Reference point theory

The dynamic reference points used by global managers provide assistance in establishing the
risk/return ratio for each decision in a global context. The assessment of the conduciveness to
adjust one’s conceptual decision-making framework when entering other environments may be
based on past, present and future experiences of the global manager (e.g. each decision has a
temporal dimension to it and may remain a constant for all decisions made by managers).
Two primary reference indices for constructing risk assessments made on an ongoing basis in an
organization are internal (i.e. group, individual managers) as well as external (i.e. differences in the
macro environments). These may be perceived as the various potential referent points that may
change over a time continuum of past, present and future. Therefore, global decision-makers may
use this reference
point perspective to assess the various points-of-view related to strategic decisions at
different points in time relative to each macro environment (Hopfensitz and Winden
2008; Cohen, Etner, and Jeleva 2008). Policies may be directed at modifying the
global decision-making process as global managers move from one environment (i.e.
both macro and organizational) to another over time.


There are potentially three models of risk-taking decision behaviour of global managers relative to
addressing the adaptive decision-making skills of each global manager. First, the global decision-
maker may assume the risk adverse when making any decisions that pertain to strategic decisions.
The global managers’ propensity to address issues associate with making the adjustment in the
organization’s strategic choices is reduced if the return/reward is insufficient to stimulate a
willingness to undertake such risks. Global managers, on the other hand, may make decisions that
maximize utility and, therefore, have a positive slope to the risk-taking curve (Schoemaker 1982).
Therefore, a segment of global managers, at the same time, may be risk-takers (i.e. the rewards
outweigh the cost/consequences).

It has been hypothesized that global decision-makers are able to increase returns and reduce risk
simultaneously by selecting an appropriate reference-point for their strategic decision. In addition,
making long-run organizational decisions in an information vacuum or that are not tied to some
decision context (as explicit or implicit reference points) would be unrealistic and lead to
suboptimal global decision-making. When global managers make decisions that are new in an
unfamiliar decision contexts (e.g. global) then they need to develop a new set of reference points
on which to base their strategic decisions (Miller and Ireland 2005).
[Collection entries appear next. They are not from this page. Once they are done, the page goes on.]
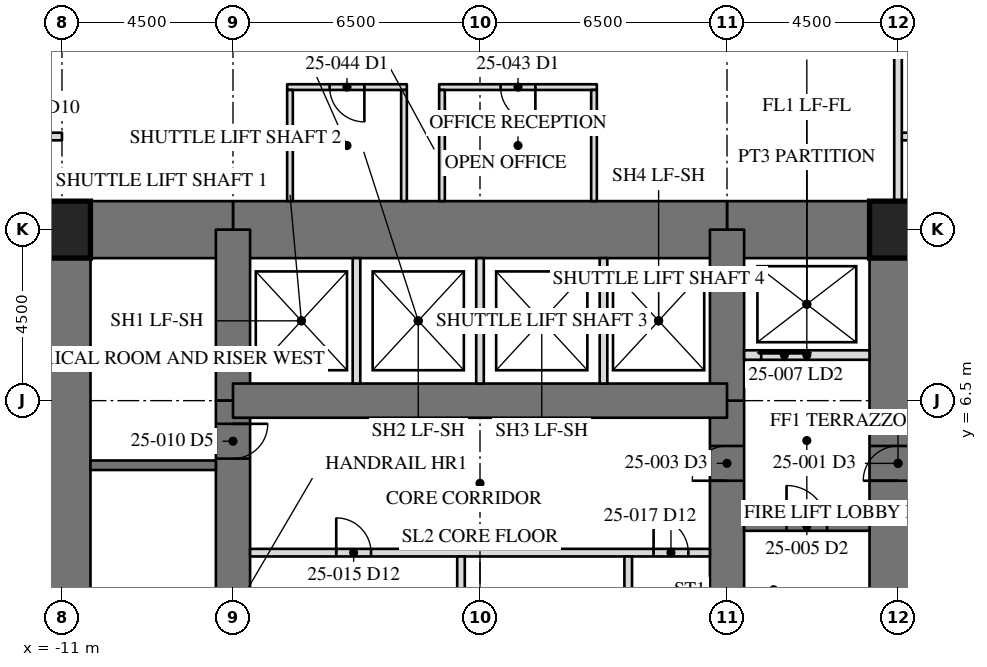
"""IFC4 building model, lengths in metres.
Left out: names, types, materials, properties, quantities, classifications, styles, units other than length and angle.
Written with IfcOpenShell. Run it as: python <this file> out.ifc"""

import sys

from ifc_helpers import new_model, si_unit, direction, frame, frame_2d, origin, origin_2d, place, context, subcontext, project, spatial, rectangle, hollow_rectangle, extrude, element, fill, save


model = new_model("IFC4")
c1 = context("Model", 3, precision=1e-05, world=origin(), true_north=direction((0.0, 1.0)))
c2 = subcontext(c1, "Body", "Model", "MODEL_VIEW")
j1 = project(units=[si_unit("LENGTHUNIT", "METRE"), si_unit("PLANEANGLEUNIT", "RADIAN")], contexts=[c1])
p1 = place(None, origin())
s1 = spatial("IfcSite", under=j1, at=p1, CompositionType="ELEMENT")
p2 = place(p1, origin())
s2 = spatial("IfcBuilding", under=s1, at=p2, CompositionType="ELEMENT")
p3 = place(p2, frame((0.0, 0.0, 109.0)))
s3 = spatial("IfcBuildingStorey", under=s2, at=p3, CompositionType="ELEMENT", Elevation=109.0)
p4 = place(p3, frame((11.0, -11.0, 0.0), z_axis=(0.0, 0.0, 1.0), x_axis=(0.0, 1.0, 0.0)))
e1 = element("IfcWall", 1, at=p4, inside=s3, PredefinedType="SHEAR", context=c2, shape_type="SweptSolid", body=[
    extrude(rectangle(XDim=22.0, YDim=1.5, at=frame_2d((11.0, 0.0))), origin(), (0.0, 0.0, 1.0), 4.1),
])
p5 = place(p4, frame((15.393, 0.0, 0.0)))
e2 = element("IfcOpeningElement", 2, at=p5, cuts=e1, PredefinedType="OPENING", context=c2, shape_type="SweptSolid", body=[
    extrude(rectangle(XDim=0.915, YDim=2.134, at=frame_2d((0.458, 1.067))), frame((0.0, 0.76, 0.0), z_axis=(0.0, -1.0, 0.0), x_axis=(1.0, 0.0, 0.0)), (0.0, 0.0, 1.0), 1.52),
])
p6 = place(p3, frame((-11.0, 11.0, 0.0), z_axis=(0.0, 0.0, 1.0), x_axis=(0.0, -1.0, 0.0)))
e3 = element("IfcWall", 3, at=p6, inside=s3, PredefinedType="SHEAR", context=c2, shape_type="SweptSolid", body=[
    extrude(rectangle(XDim=22.0, YDim=1.5, at=frame_2d((11.0, 0.0))), origin(), (0.0, 0.0, 1.0), 4.1),
])
p7 = place(p6, frame((15.393, 0.0, 0.0)))
e4 = element("IfcOpeningElement", 4, at=p7, cuts=e3, PredefinedType="OPENING", context=c2, shape_type="SweptSolid", body=[
    extrude(rectangle(XDim=0.915, YDim=2.134, at=frame_2d((0.458, 1.067))), frame((0.0, 0.76, 0.0), z_axis=(0.0, -1.0, 0.0), x_axis=(1.0, 0.0, 0.0)), (0.0, 0.0, 1.0), 1.52),
])
p8 = place(p3, frame((11.0, 11.0, 0.0), z_axis=(0.0, 0.0, 1.0), x_axis=(-1.0, 0.0, 0.0)))
e5 = element("IfcWall", 5, at=p8, inside=s3, PredefinedType="SHEAR", context=c2, shape_type="SweptSolid", body=[
    extrude(rectangle(XDim=4.5, YDim=1.5, at=frame_2d((2.25, 0.0))), origin(), (0.0, 0.0, 1.0), 4.1),
])
p9 = place(p3, frame((6.5, 11.0, 0.0), z_axis=(0.0, 0.0, 1.0), x_axis=(-1.0, 0.0, 0.0)))
e6 = element("IfcWall", 6, at=p9, inside=s3, PredefinedType="SHEAR", context=c2, shape_type="SweptSolid", body=[
    extrude(rectangle(XDim=13.0, YDim=1.5, at=frame_2d((6.5, 0.0))), origin(), (0.0, 0.0, 1.0), 4.1),
])
p10 = place(p3, frame((-6.5, 11.0, 0.0), z_axis=(0.0, 0.0, 1.0), x_axis=(-1.0, 0.0, 0.0)))
e7 = element("IfcWall", 7, at=p10, inside=s3, PredefinedType="SHEAR", context=c2, shape_type="SweptSolid", body=[
    extrude(rectangle(XDim=4.5, YDim=1.5, at=frame_2d((2.25, 0.0))), origin(), (0.0, 0.0, 1.0), 4.1),
])
p11 = place(p3, frame((6.5, -6.5, 0.0), z_axis=(0.0, 0.0, 1.0), x_axis=(0.0, 1.0, 0.0)))
e8 = element("IfcWall", 8, at=p11, inside=s3, PredefinedType="SHEAR", context=c2, shape_type="SweptSolid", body=[
    extrude(rectangle(XDim=13.0, YDim=0.9, at=frame_2d((6.5, 0.0))), origin(), (0.0, 0.0, 1.0), 4.1),
])
p12 = place(p11, frame((10.893, 0.0, 0.0)))
e9 = element("IfcOpeningElement", 9, at=p12, cuts=e8, PredefinedType="OPENING", context=c2, shape_type="SweptSolid", body=[
    extrude(rectangle(XDim=0.915, YDim=2.134, at=frame_2d((0.458, 1.067))), frame((0.0, 0.46, 0.0), z_axis=(0.0, -1.0, 0.0), x_axis=(1.0, 0.0, 0.0)), (0.0, 0.0, 1.0), 0.92),
])
p13 = place(p11, frame((0.61, 0.0, 0.0)))
e10 = element("IfcOpeningElement", 10, at=p13, cuts=e8, PredefinedType="OPENING", context=c2, shape_type="SweptSolid", body=[
    extrude(rectangle(XDim=0.915, YDim=2.134, at=frame_2d((0.458, 1.067))), frame((0.0, 0.46, 0.0), z_axis=(0.0, -1.0, 0.0), x_axis=(1.0, 0.0, 0.0)), (0.0, 0.0, 1.0), 0.92),
])
for number, where, z_axis, x_axis in (
    (11, (6.5, 6.5, 0.0), (0.0, 0.0, 1.0), (0.0, 1.0, 0.0)),
    (12, (-6.5, 11.0, 0.0), (0.0, 0.0, 1.0), (0.0, -1.0, 0.0)),
):
    element("IfcWall", number, at=place(p3, frame(where, z_axis=z_axis, x_axis=x_axis)), inside=s3, PredefinedType="SHEAR", context=c2, shape_type="SweptSolid", body=[
        extrude(rectangle(XDim=4.5, YDim=0.9, at=frame_2d((2.25, 0.0))), origin(), (0.0, 0.0, 1.0), 4.1),
    ])
p14 = place(p3, frame((-6.5, 6.5, 0.0), z_axis=(0.0, 0.0, 1.0), x_axis=(0.0, -1.0, 0.0)))
e13 = element("IfcWall", 13, at=p14, inside=s3, PredefinedType="SHEAR", context=c2, shape_type="SweptSolid", body=[
    extrude(rectangle(XDim=13.0, YDim=0.9, at=frame_2d((6.5, 0.0))), origin(), (0.0, 0.0, 1.0), 4.1),
])
p15 = place(p14, frame((10.893, 0.0, 0.0)))
e14 = element("IfcOpeningElement", 14, at=p15, cuts=e13, PredefinedType="OPENING", context=c2, shape_type="SweptSolid", body=[
    extrude(rectangle(XDim=0.915, YDim=2.134, at=frame_2d((0.458, 1.067))), frame((0.0, 0.46, 0.0), z_axis=(0.0, -1.0, 0.0), x_axis=(1.0, 0.0, 0.0)), (0.0, 0.0, 1.0), 0.92),
])
p16 = place(p14, frame((0.61, 0.0, 0.0)))
e15 = element("IfcOpeningElement", 15, at=p16, cuts=e13, PredefinedType="OPENING", context=c2, shape_type="SweptSolid", body=[
    extrude(rectangle(XDim=0.915, YDim=2.134, at=frame_2d((0.458, 1.067))), frame((0.0, 0.46, 0.0), z_axis=(0.0, -1.0, 0.0), x_axis=(1.0, 0.0, 0.0)), (0.0, 0.0, 1.0), 0.92),
])
p17 = place(p3, frame((6.5, 6.5, 0.0), z_axis=(0.0, 0.0, 1.0), x_axis=(-1.0, 0.0, 0.0)))
e16 = element("IfcWall", 16, at=p17, inside=s3, PredefinedType="SHEAR", context=c2, shape_type="SweptSolid", body=[
    extrude(rectangle(XDim=13.0, YDim=0.9, at=frame_2d((6.5, 0.0))), origin(), (0.0, 0.0, 1.0), 4.1),
])
for number, where, z_axis, x_axis in (
    (17, (11.0, 11.0, 0.0), (0.0, 0.0, 1.0), (1.0, 0.0, 0.0)),
    (18, (-11.0, 11.0, 0.0), (0.0, 0.0, 1.0), (1.0, 0.0, 0.0)),
):
    element("IfcColumn", number, at=place(p3, frame(where, z_axis=z_axis, x_axis=x_axis)), inside=s3, PredefinedType="COLUMN", context=c2, shape_type="SweptSolid", body=[
        extrude(hollow_rectangle(XDim=1.499, YDim=1.499, WallThickness=0.102, at=origin_2d()), origin(), (0.0, 0.0, 1.0), 4.1),
    ])
p18 = place(p3, frame((-6.95, 4.8, 0.0), z_axis=(0.0, 0.0, 1.0), x_axis=(-1.0, 0.0, 0.0)))
e19 = element("IfcWall", 19, at=p18, inside=s3, PredefinedType="SOLIDWALL", context=c2, shape_type="SweptSolid", body=[
    extrude(rectangle(XDim=3.3, YDim=0.25, at=frame_2d((1.65, 0.0))), origin(), (0.0, 0.0, 1.0), 3.91),
])
p19 = place(p3, frame((6.95, 3.2, 0.0), z_axis=(0.0, 0.0, 1.0), x_axis=(1.0, 0.0, 0.0)))
e20 = element("IfcWall", 20, at=p19, inside=s3, PredefinedType="SOLIDWALL", context=c2, shape_type="SweptSolid", body=[
    extrude(rectangle(XDim=3.3, YDim=0.25, at=frame_2d((1.65, 0.0))), origin(), (0.0, 0.0, 1.0), 3.91),
])
p20 = place(p19, frame((1.116, 0.0, 0.0)))
e21 = element("IfcOpeningElement", 21, at=p20, cuts=e20, PredefinedType="OPENING", context=c2, shape_type="SweptSolid", body=[
    extrude(rectangle(XDim=1.067, YDim=2.134, at=frame_2d((0.533, 1.067))), frame((0.0, 0.135, 0.0), z_axis=(0.0, -1.0, 0.0), x_axis=(1.0, 0.0, 0.0)), (0.0, 0.0, 1.0), 0.27),
])
p21 = place(p3, frame((6.95, 7.7, 0.0), z_axis=(0.0, 0.0, 1.0), x_axis=(1.0, 0.0, 0.0)))
e22 = element("IfcWall", 22, at=p21, inside=s3, PredefinedType="PARTITIONING", context=c2, shape_type="SweptSolid", body=[
    extrude(rectangle(XDim=3.3, YDim=0.25, at=frame_2d((1.65, 0.0))), origin(), (0.0, 0.0, 1.0), 3.91),
])
p22 = place(p21, frame((0.45, 0.0, 0.0)))
e23 = element("IfcOpeningElement", 23, at=p22, cuts=e22, PredefinedType="OPENING", context=c2, shape_type="SweptSolid", body=[
    extrude(rectangle(XDim=1.219, YDim=2.134, at=frame_2d((0.609, 1.067))), frame((0.0, 0.135, 0.0), z_axis=(0.0, -1.0, 0.0), x_axis=(1.0, 0.0, 0.0)), (0.0, 0.0, 1.0), 0.27),
])
p23 = place(p3, frame((-6.05, 2.5, 0.0), z_axis=(0.0, 0.0, 1.0), x_axis=(1.0, 0.0, 0.0)))
e24 = element("IfcWall", 24, at=p23, inside=s3, PredefinedType="PARTITIONING", context=c2, shape_type="SweptSolid", body=[
    extrude(rectangle(XDim=12.1, YDim=0.2, at=frame_2d((6.05, 0.0))), origin(), (0.0, 0.0, 1.0), 3.91),
])
p24 = place(p23, frame((2.268, 0.0, 0.0)))
e25 = element("IfcOpeningElement", 25, at=p24, cuts=e24, PredefinedType="OPENING", context=c2, shape_type="SweptSolid", body=[
    extrude(rectangle(XDim=0.915, YDim=2.134, at=frame_2d((0.458, 1.067))), frame((0.0, 0.11, 0.0), z_axis=(0.0, -1.0, 0.0), x_axis=(1.0, 0.0, 0.0)), (0.0, 0.0, 1.0), 0.22),
])
p25 = place(p23, frame((10.617, 0.0, 0.0)))
e26 = element("IfcOpeningElement", 26, at=p25, cuts=e24, PredefinedType="OPENING", context=c2, shape_type="SweptSolid", body=[
    extrude(rectangle(XDim=0.915, YDim=2.134, at=frame_2d((0.458, 1.067))), frame((0.0, 0.11, 0.0), z_axis=(0.0, -1.0, 0.0), x_axis=(1.0, 0.0, 0.0)), (0.0, 0.0, 1.0), 0.22),
])
for number, where, z_axis, x_axis in (
    (27, (-3.25, 6.95, 0.0), (0.0, 0.0, 1.0), (0.0, 1.0, 0.0)),
    (28, (0.0, 6.95, 0.0), (0.0, 0.0, 1.0), (0.0, 1.0, 0.0)),
    (29, (3.25, 6.95, 0.0), (0.0, 0.0, 1.0), (0.0, 1.0, 0.0)),
):
    element("IfcWall", number, at=place(p3, frame(where, z_axis=z_axis, x_axis=x_axis)), inside=s3, PredefinedType="PARTITIONING", context=c2, shape_type="SweptSolid", body=[
        extrude(rectangle(XDim=3.3, YDim=0.2, at=frame_2d((1.65, 0.0))), origin(), (0.0, 0.0, 1.0), 3.91),
    ])
for number, where, z_axis, x_axis in (
    (30, (-0.5, -2.4, 0.0), (0.0, 0.0, 1.0), (0.0, 1.0, 0.0)),
    (31, (3.9, -2.4, 0.0), (0.0, 0.0, 1.0), (0.0, 1.0, 0.0)),
):
    element("IfcWall", number, at=place(p3, frame(where, z_axis=z_axis, x_axis=x_axis)), inside=s3, PredefinedType="PARTITIONING", context=c2, shape_type="SweptSolid", body=[
        extrude(rectangle(XDim=4.8, YDim=0.2, at=frame_2d((2.4, 0.0))), origin(), (0.0, 0.0, 1.0), 3.91),
    ])
for number, where, z_axis, x_axis in (
    (32, (11.0, 13.45, 0.0), (0.0, 0.0, 1.0), (1.0, 0.0, 0.0)),
    (33, (-11.0, 13.45, 0.0), (0.0, 0.0, 1.0), (-1.0, 0.0, 0.0)),
):
    element("IfcWall", number, at=place(p3, frame(where, z_axis=z_axis, x_axis=x_axis)), inside=s3, PredefinedType="PARTITIONING", context=c2, shape_type="SweptSolid", body=[
        extrude(rectangle(XDim=2.55, YDim=0.2, at=frame_2d((1.275, 0.0))), origin(), (0.0, 0.0, 1.0), 3.91),
    ])
p26 = place(p3, frame((11.0, 11.75, 0.0), z_axis=(0.0, 0.0, 1.0), x_axis=(0.0, 1.0, 0.0)))
e34 = element("IfcWall", 34, at=p26, inside=s3, PredefinedType="PARTITIONING", context=c2, shape_type="SweptSolid", body=[
    extrude(rectangle(XDim=10.665, YDim=0.2, at=frame_2d((5.333, 0.0))), origin(), (0.0, 0.0, 1.0), 3.326),
])
p27 = place(p3, frame((3.075, 14.75, 0.0), z_axis=(0.0, 0.0, 1.0), x_axis=(-1.0, 0.0, 0.0)))
e35 = element("IfcWall", 35, at=p27, inside=s3, PredefinedType="PARTITIONING", context=c2, shape_type="SweptSolid", body=[
    extrude(rectangle(XDim=4.15, YDim=0.15, at=frame_2d((2.075, 0.0))), origin(), (0.0, 0.0, 1.0), 3.91),
])
p28 = place(p27, frame((1.617, 0.0, 0.0)))
e36 = element("IfcOpeningElement", 36, at=p28, cuts=e35, PredefinedType="OPENING", context=c2, shape_type="SweptSolid", body=[
    extrude(rectangle(XDim=0.915, YDim=2.134, at=frame_2d((0.458, 1.067))), frame((0.0, 0.085, 0.0), z_axis=(0.0, -1.0, 0.0), x_axis=(1.0, 0.0, 0.0)), (0.0, 0.0, 1.0), 0.17),
])
for number, where, z_axis, x_axis in (
    (37, (3.0, 14.675, 0.0), (0.0, 0.0, 1.0), (0.0, -1.0, 0.0)),
    (38, (-1.0, 14.675, 0.0), (0.0, 0.0, 1.0), (0.0, -1.0, 0.0)),
):
    element("IfcWall", number, at=place(p3, frame(where, z_axis=z_axis, x_axis=x_axis)), inside=s3, PredefinedType="PARTITIONING", context=c2, shape_type="SweptSolid", body=[
        extrude(rectangle(XDim=2.925, YDim=0.15, at=frame_2d((1.462, 0.0))), origin(), (0.0, 0.0, 1.0), 3.91),
    ])
p29 = place(p3, frame((-1.925, 14.75, 0.0), z_axis=(0.0, 0.0, 1.0), x_axis=(-1.0, 0.0, 0.0)))
e39 = element("IfcWall", 39, at=p29, inside=s3, PredefinedType="PARTITIONING", context=c2, shape_type="SweptSolid", body=[
    extrude(rectangle(XDim=3.15, YDim=0.15, at=frame_2d((1.575, 0.0))), origin(), (0.0, 0.0, 1.0), 3.91),
])
p30 = place(p29, frame((1.117, 0.0, 0.0)))
e40 = element("IfcOpeningElement", 40, at=p30, cuts=e39, PredefinedType="OPENING", context=c2, shape_type="SweptSolid", body=[
    extrude(rectangle(XDim=0.915, YDim=2.134, at=frame_2d((0.458, 1.067))), frame((0.0, 0.085, 0.0), z_axis=(0.0, -1.0, 0.0), x_axis=(1.0, 0.0, 0.0)), (0.0, 0.0, 1.0), 0.17),
])
for number, where, z_axis, x_axis in (
    (41, (-2.0, 14.675, 0.0), (0.0, 0.0, 1.0), (0.0, -1.0, 0.0)),
    (42, (-5.0, 14.675, 0.0), (0.0, 0.0, 1.0), (0.0, -1.0, 0.0)),
):
    element("IfcWall", number, at=place(p3, frame(where, z_axis=z_axis, x_axis=x_axis)), inside=s3, PredefinedType="PARTITIONING", context=c2, shape_type="SweptSolid", body=[
        extrude(rectangle(XDim=2.925, YDim=0.15, at=frame_2d((1.462, 0.0))), origin(), (0.0, 0.0, 1.0), 3.91),
    ])
p31 = place(p12, origin())
e43 = element("IfcDoor", 43, at=p31, inside=s3, OperationType="SINGLE_SWING_RIGHT", PredefinedType="DOOR", context=c2, shape_type="SweptSolid", body=[
    extrude(rectangle(XDim=0.915, YDim=2.134, at=frame_2d((0.458, 1.067))), frame((0.0, -0.375, 0.0), z_axis=(0.0, -1.0, 0.0), x_axis=(1.0, 0.0, 0.0)), (0.0, 0.0, 1.0), 0.05),
])
fill(e9, e43)
p32 = place(p20, origin())
e44 = element("IfcDoor", 44, at=p32, inside=s3, OperationType="SINGLE_SWING_LEFT", PredefinedType="DOOR", context=c2, shape_type="SweptSolid", body=[
    extrude(rectangle(XDim=1.067, YDim=2.134, at=frame_2d((0.533, 1.067))), frame((0.0, 0.025, 0.0), z_axis=(0.0, -1.0, 0.0), x_axis=(1.0, 0.0, 0.0)), (0.0, 0.0, 1.0), 0.05),
])
fill(e21, e44)
p33 = place(p22, origin())
e45 = element("IfcDoor", 45, at=p33, inside=s3, OperationType="SLIDING_TO_LEFT", PredefinedType="DOOR", context=c2, shape_type="SweptSolid", body=[
    extrude(rectangle(XDim=1.219, YDim=2.134, at=frame_2d((0.609, 1.067))), frame((0.0, 0.025, 0.0), z_axis=(0.0, -1.0, 0.0), x_axis=(1.0, 0.0, 0.0)), (0.0, 0.0, 1.0), 0.05),
])
fill(e23, e45)
p34 = place(p16, origin())
e46 = element("IfcDoor", 46, at=p34, inside=s3, OperationType="SINGLE_SWING_RIGHT", PredefinedType="DOOR", context=c2, shape_type="SweptSolid", body=[
    extrude(rectangle(XDim=0.915, YDim=2.134, at=frame_2d((0.458, 1.067))), frame((0.0, -0.375, 0.0), z_axis=(0.0, -1.0, 0.0), x_axis=(1.0, 0.0, 0.0)), (0.0, 0.0, 1.0), 0.05),
])
fill(e15, e46)
p35 = place(p24, origin())
e47 = element("IfcDoor", 47, at=p35, inside=s3, OperationType="SINGLE_SWING_LEFT", PredefinedType="DOOR", context=c2, shape_type="SweptSolid", body=[
    extrude(rectangle(XDim=0.915, YDim=2.134, at=frame_2d((0.458, 1.067))), frame((0.0, 0.025, 0.0), z_axis=(0.0, -1.0, 0.0), x_axis=(1.0, 0.0, 0.0)), (0.0, 0.0, 1.0), 0.05),
])
fill(e25, e47)
p36 = place(p25, origin())
e48 = element("IfcDoor", 48, at=p36, inside=s3, OperationType="SINGLE_SWING_LEFT", PredefinedType="DOOR", context=c2, shape_type="SweptSolid", body=[
    extrude(rectangle(XDim=0.915, YDim=2.134, at=frame_2d((0.458, 1.067))), frame((0.0, 0.025, 0.0), z_axis=(0.0, -1.0, 0.0), x_axis=(1.0, 0.0, 0.0)), (0.0, 0.0, 1.0), 0.05),
])
fill(e26, e48)
p37 = place(p28, origin())
e49 = element("IfcDoor", 49, at=p37, inside=s3, OperationType="SINGLE_SWING_LEFT", PredefinedType="DOOR", context=c2, shape_type="SweptSolid", body=[
    extrude(rectangle(XDim=0.915, YDim=2.134, at=frame_2d((0.458, 1.067))), frame((0.0, 0.025, 0.0), z_axis=(0.0, -1.0, 0.0), x_axis=(1.0, 0.0, 0.0)), (0.0, 0.0, 1.0), 0.05),
])
fill(e36, e49)
p38 = place(p30, origin())
e50 = element("IfcDoor", 50, at=p38, inside=s3, OperationType="SINGLE_SWING_LEFT", PredefinedType="DOOR", context=c2, shape_type="SweptSolid", body=[
    extrude(rectangle(XDim=0.915, YDim=2.134, at=frame_2d((0.458, 1.067))), frame((0.0, 0.025, 0.0), z_axis=(0.0, -1.0, 0.0), x_axis=(1.0, 0.0, 0.0)), (0.0, 0.0, 1.0), 0.05),
])
fill(e40, e50)
save(model, sys.argv[1])

There is a third stream of RPT research which speculates that global decision-makers make
decisions that are clearly above a reference point and at the same time make other decisions that
are below the same reference point. The conclusion that can be drawn from this is that global
managers are both risk-averse and risk-takers, depending on whether the decision-makers perceive
themselves to be in a domain of gains or losses relative to changing their concept of social time
(Fiegenbaum, Hart, and Schendel 1996). It has been argued that the top management team (TMT)
level, global decision-makers become internal reference points in a specific organizational context
for issues such as visualizing the concept of time (Kahneman and Tversky 1979). The question
becomes how and which reference point global managers will use when they make decisions
relative to global strategic choices.


In an effort to develop a cadre of global managers, human resource management must integrate
into the global managers’ training how to learn the nuisances of cultural novelty and the need to
continually adjust to overseas markets. This requires the assessment of the decision-making skills
of global managers and the development of a programme to strengthen the global decision-making
skills of the managers in question. HRM can initially start this assessment of decision-making
skills by using a set of multiple IQs as indicators of the potentially diverse abilities of global


The multiple IQ sets can be grouped into three categories: analytical, practices and creative
intelligence, as suggested by the tri-archic theory of human intelligence (Sternberg 1985, 1996).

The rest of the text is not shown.